The 3 months correlation between NNGPF and Julius is 0.54. Overlapping area represents the amount of risk that can be diversified away by holding NN Group NV and Julius Br Gruppe in the same portfolio, assuming nothing else is changed. The correlation between historical prices or returns on Julius Br Gruppe and NN Group is a relative statistical measure of the degree to which these equity instruments tend to move together. The correlation coefficient measures the extent to which returns on NN Group NV are associated (or correlated) with Julius Bär. Values of the correlation coefficient range from -1 to +1, where. The correlation of zero (0) is possible when the price movement of Julius Br Gruppe has no effect on the direction of NN Group i.e., NN Group and Julius Bär go up and down completely randomly.

Pair Corralation between NN Group and Julius Bär

Assuming the 90 days horizon NN Group NV is expected to generate 0.7 times more return on investment than Julius Bär. However, NN Group NV is 1.43 times less risky than Julius Bär. It trades about 0.25 of its potential returns per unit of risk. Julius Br Gruppe is currently generating about 0.1 per unit of risk. If you would invest  4,381  in NN Group NV on December 29, 2024 and sell it today you would earn a total of  1,183  from holding NN Group NV or generate 27.0% return on investment over 90 days.
Time Period3 Months [change]
DirectionMoves Together 
StrengthWeak
Accuracy98.33%
ValuesDaily Returns

NN Group NV  vs.  Julius Br Gruppe

 Performance 
       Timeline  
NN Group NV 

Risk-Adjusted Performance

Solid

 
Weak
 
Strong
Compared to the overall equity markets, risk-adjusted returns on investments in NN Group NV are ranked lower than 19 (%) of all global equities and portfolios over the last 90 days. Despite nearly weak basic indicators, NN Group reported solid returns over the last few months and may actually be approaching a breakup point.
Julius Br Gruppe 

Risk-Adjusted Performance

OK

 
Weak
 
Strong
Over the last 90 days Julius Br Gruppe has generated negative risk-adjusted returns adding no value to investors with long positions. Despite nearly weak basic indicators, Julius Bär reported solid returns over the last few months and may actually be approaching a breakup point.

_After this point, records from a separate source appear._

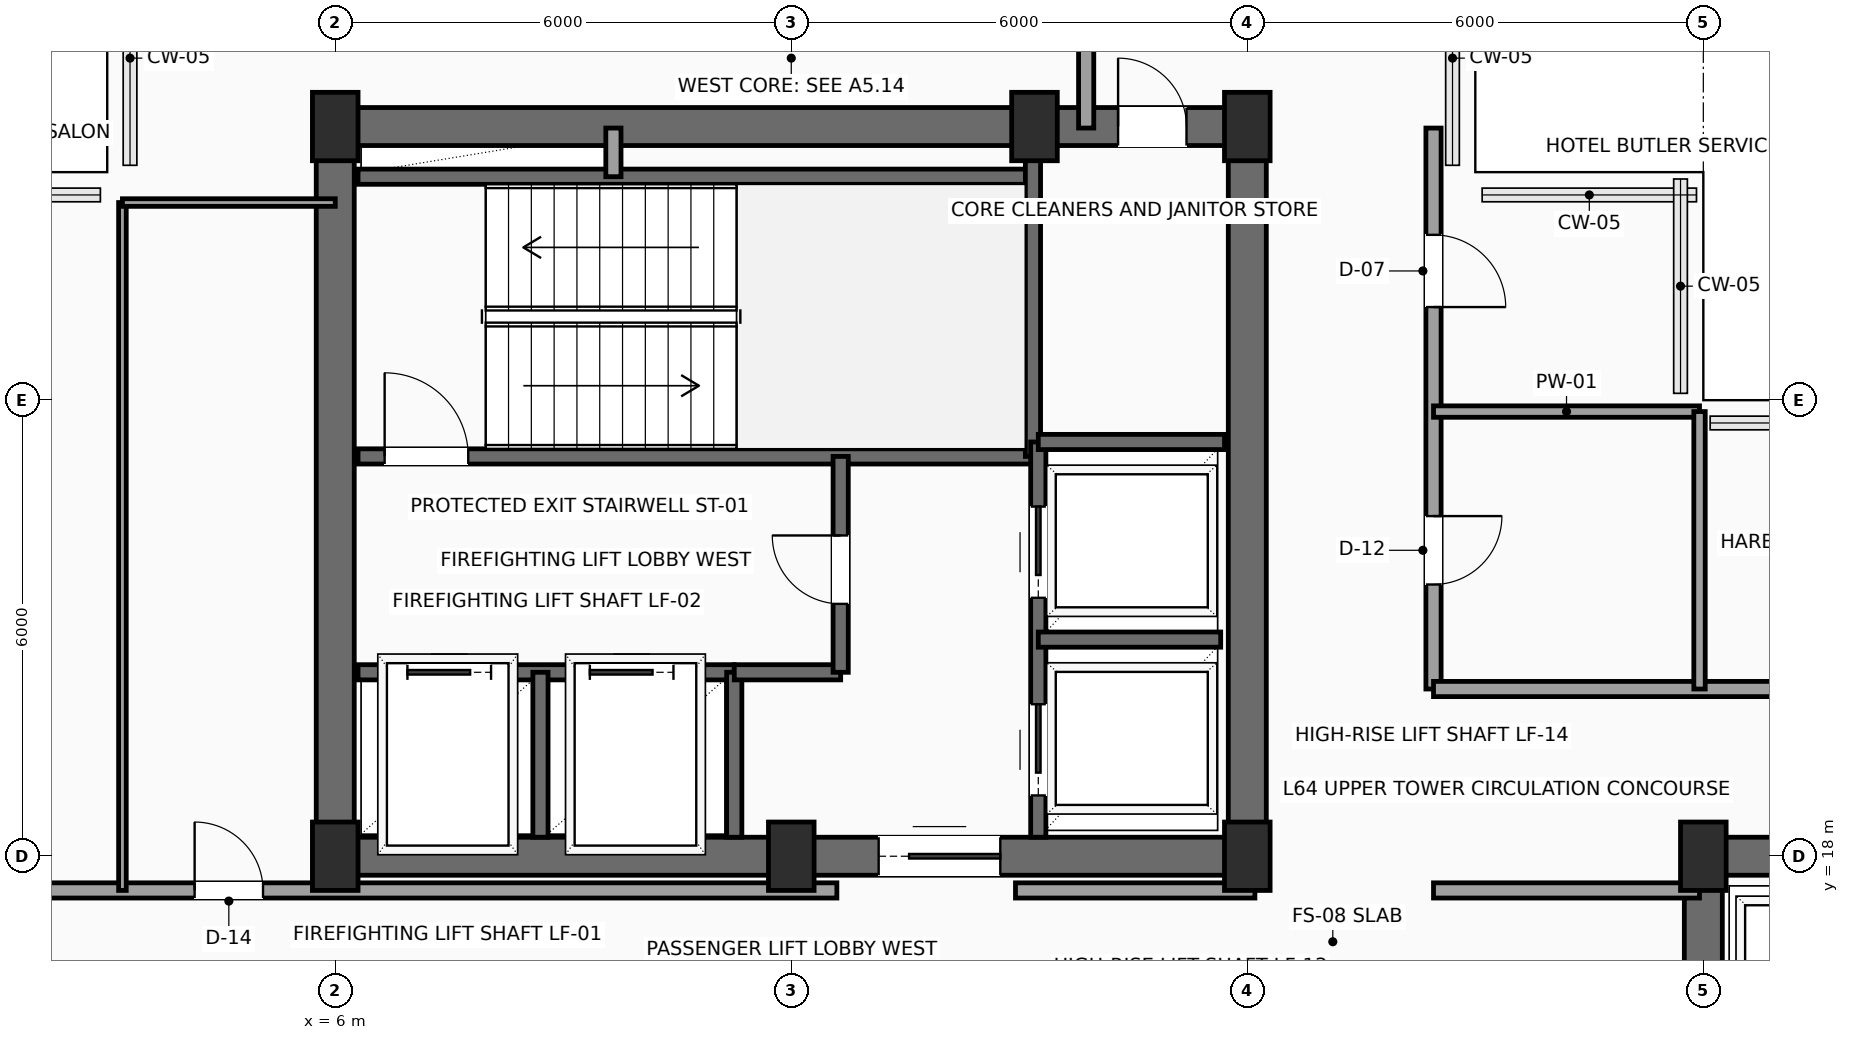
"""IFC4 building model, lengths in metres.
Left out: names, types, materials, properties, quantities, classifications, styles, units other than length and angle.
Written with IfcOpenShell. Run it as: python <this file> out.ifc"""

import sys

from ifc_helpers import new_model, si_unit, direction, frame, frame_2d, origin, origin_2d, place, context, subcontext, project, spatial, rectangle, extrude, element, fill, save


model = new_model("IFC4")
c1 = context("Model", 3, precision=1e-05, world=origin(), true_north=direction((0.0, 1.0)))
c2 = subcontext(c1, "Body", "Model", "MODEL_VIEW")
j1 = project(units=[si_unit("LENGTHUNIT", "METRE"), si_unit("PLANEANGLEUNIT", "RADIAN")], contexts=[c1])
p1 = place(None, origin())
s1 = spatial("IfcSite", under=j1, at=p1, CompositionType="ELEMENT")
p2 = place(p1, origin())
s2 = spatial("IfcBuilding", under=s1, at=p2, CompositionType="ELEMENT")
p3 = place(p2, frame((0.0, 0.0, 257.2)))
s3 = spatial("IfcBuildingStorey", under=s2, at=p3, CompositionType="ELEMENT", Elevation=257.2)
for number, where, z_axis, x_axis in (
    (1, (6.0, 18.0, 0.0), (0.0, 0.0, 1.0), (1.0, 0.0, 0.0)),
    (2, (12.0, 18.0, 0.0), (0.0, 0.0, 1.0), (1.0, 0.0, 0.0)),
    (3, (18.0, 18.0, 0.0), (0.0, 0.0, 1.0), (1.0, 0.0, 0.0)),
    (4, (6.0, 27.6, 0.0), (0.0, 0.0, 1.0), (1.0, 0.0, 0.0)),
    (5, (15.2, 27.6, 0.0), (0.0, 0.0, 1.0), (1.0, 0.0, 0.0)),
    (6, (18.0, 27.6, 0.0), (0.0, 0.0, 1.0), (1.0, 0.0, 0.0)),
    (7, (24.0, 18.0, 0.0), (0.0, 0.0, 1.0), (1.0, 0.0, 0.0)),
):
    element("IfcColumn", number, at=place(p3, frame(where, z_axis=z_axis, x_axis=x_axis)), inside=s3, PredefinedType="COLUMN", context=c2, shape_type="SweptSolid", body=[
        extrude(rectangle(XDim=0.6, YDim=0.9, at=origin_2d()), origin(), (0.0, 0.0, 1.0), 3.5),
    ])
p4 = place(p3, frame((6.0, 18.0, 0.0), z_axis=(0.0, 0.0, 1.0), x_axis=(1.0, 0.0, 0.0)))
e8 = element("IfcWall", 8, at=p4, inside=s3, PredefinedType="SHEAR", context=c2, shape_type="SweptSolid", body=[
    extrude(rectangle(XDim=12.0, YDim=0.5, at=frame_2d((6.0, 0.0))), origin(), (0.0, 0.0, 1.0), 3.3),
])
p5 = place(p4, frame((7.15, 0.0, 0.0)))
e9 = element("IfcOpeningElement", 9, at=p5, cuts=e8, PredefinedType="OPENING", context=c2, shape_type="SweptSolid", body=[
    extrude(rectangle(XDim=1.6, YDim=2.3, at=frame_2d((0.8, 1.15))), frame((0.0, 0.26, 0.0), z_axis=(0.0, -1.0, 0.0), x_axis=(1.0, 0.0, 0.0)), (0.0, 0.0, 1.0), 0.52),
])
p6 = place(p3, frame((6.0, 27.6, 0.0), z_axis=(0.0, 0.0, 1.0), x_axis=(1.0, 0.0, 0.0)))
e10 = element("IfcWall", 10, at=p6, inside=s3, PredefinedType="SHEAR", context=c2, shape_type="SweptSolid", body=[
    extrude(rectangle(XDim=12.0, YDim=0.5, at=frame_2d((6.0, 0.0))), origin(), (0.0, 0.0, 1.0), 3.3),
])
p7 = place(p6, frame((10.3, 0.0, 0.0)))
e11 = element("IfcOpeningElement", 11, at=p7, cuts=e10, PredefinedType="OPENING", context=c2, shape_type="SweptSolid", body=[
    extrude(rectangle(XDim=0.9, YDim=2.15, at=frame_2d((0.45, 1.075))), frame((0.0, 0.26, 0.0), z_axis=(0.0, -1.0, 0.0), x_axis=(1.0, 0.0, 0.0)), (0.0, 0.0, 1.0), 0.52),
])
for number, where, z_axis, x_axis in (
    (12, (6.0, 18.0, 0.0), (0.0, 0.0, 1.0), (0.0, 1.0, 0.0)),
    (13, (18.0, 18.0, 0.0), (0.0, 0.0, 1.0), (0.0, 1.0, 0.0)),
    (14, (24.0, 18.0, 0.0), (0.0, 0.0, 1.0), (1.0, 0.0, 0.0)),
):
    element("IfcWall", number, at=place(p3, frame(where, z_axis=z_axis, x_axis=x_axis)), inside=s3, PredefinedType="SHEAR", context=c2, shape_type="SweptSolid", body=[
        extrude(rectangle(XDim=9.6, YDim=0.5, at=frame_2d((4.8, 0.0))), origin(), (0.0, 0.0, 1.0), 3.3),
    ])
p8 = place(p3, frame((24.0, 6.0, 0.0), z_axis=(0.0, 0.0, 1.0), x_axis=(0.0, 1.0, 0.0)))
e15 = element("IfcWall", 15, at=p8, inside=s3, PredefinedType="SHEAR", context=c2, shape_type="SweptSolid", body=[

NN Group and Julius Bär Volatility Contrast

   Predicted Return Density   
       Returns  

Pair Trading with NN Group and Julius Bär

The main advantage of trading using opposite NN Group and Julius Bär positions is that it hedges away some unsystematic risk. Because of two separate transactions, even if NN Group position performs unexpectedly, Julius Bär can make up some of the losses. Pair trading also minimizes risk from directional movements in the market. For example, if an entire industry or sector drops because of unexpected headlines, the short position in Julius Bär will offset losses from the drop in Julius Bär's long position.
The idea behind NN Group NV and Julius Br Gruppe pairs trading is to make the combined position market-neutral, meaning the overall market's direction will not affect its win or loss (or potential downside or upside). This can be achieved by designing a pairs trade with two highly correlated stocks or equities that operate in a similar space or sector, making it possible to obtain profits through simple and relatively low-risk investment.
Check out your portfolio center.
Note that this page's information should be used as a complementary analysis to find the right mix of equity instruments to add to your existing portfolios or create a brand new portfolio. You can also try the Portfolio Volatility module to check portfolio volatility and analyze historical return density to properly model market risk.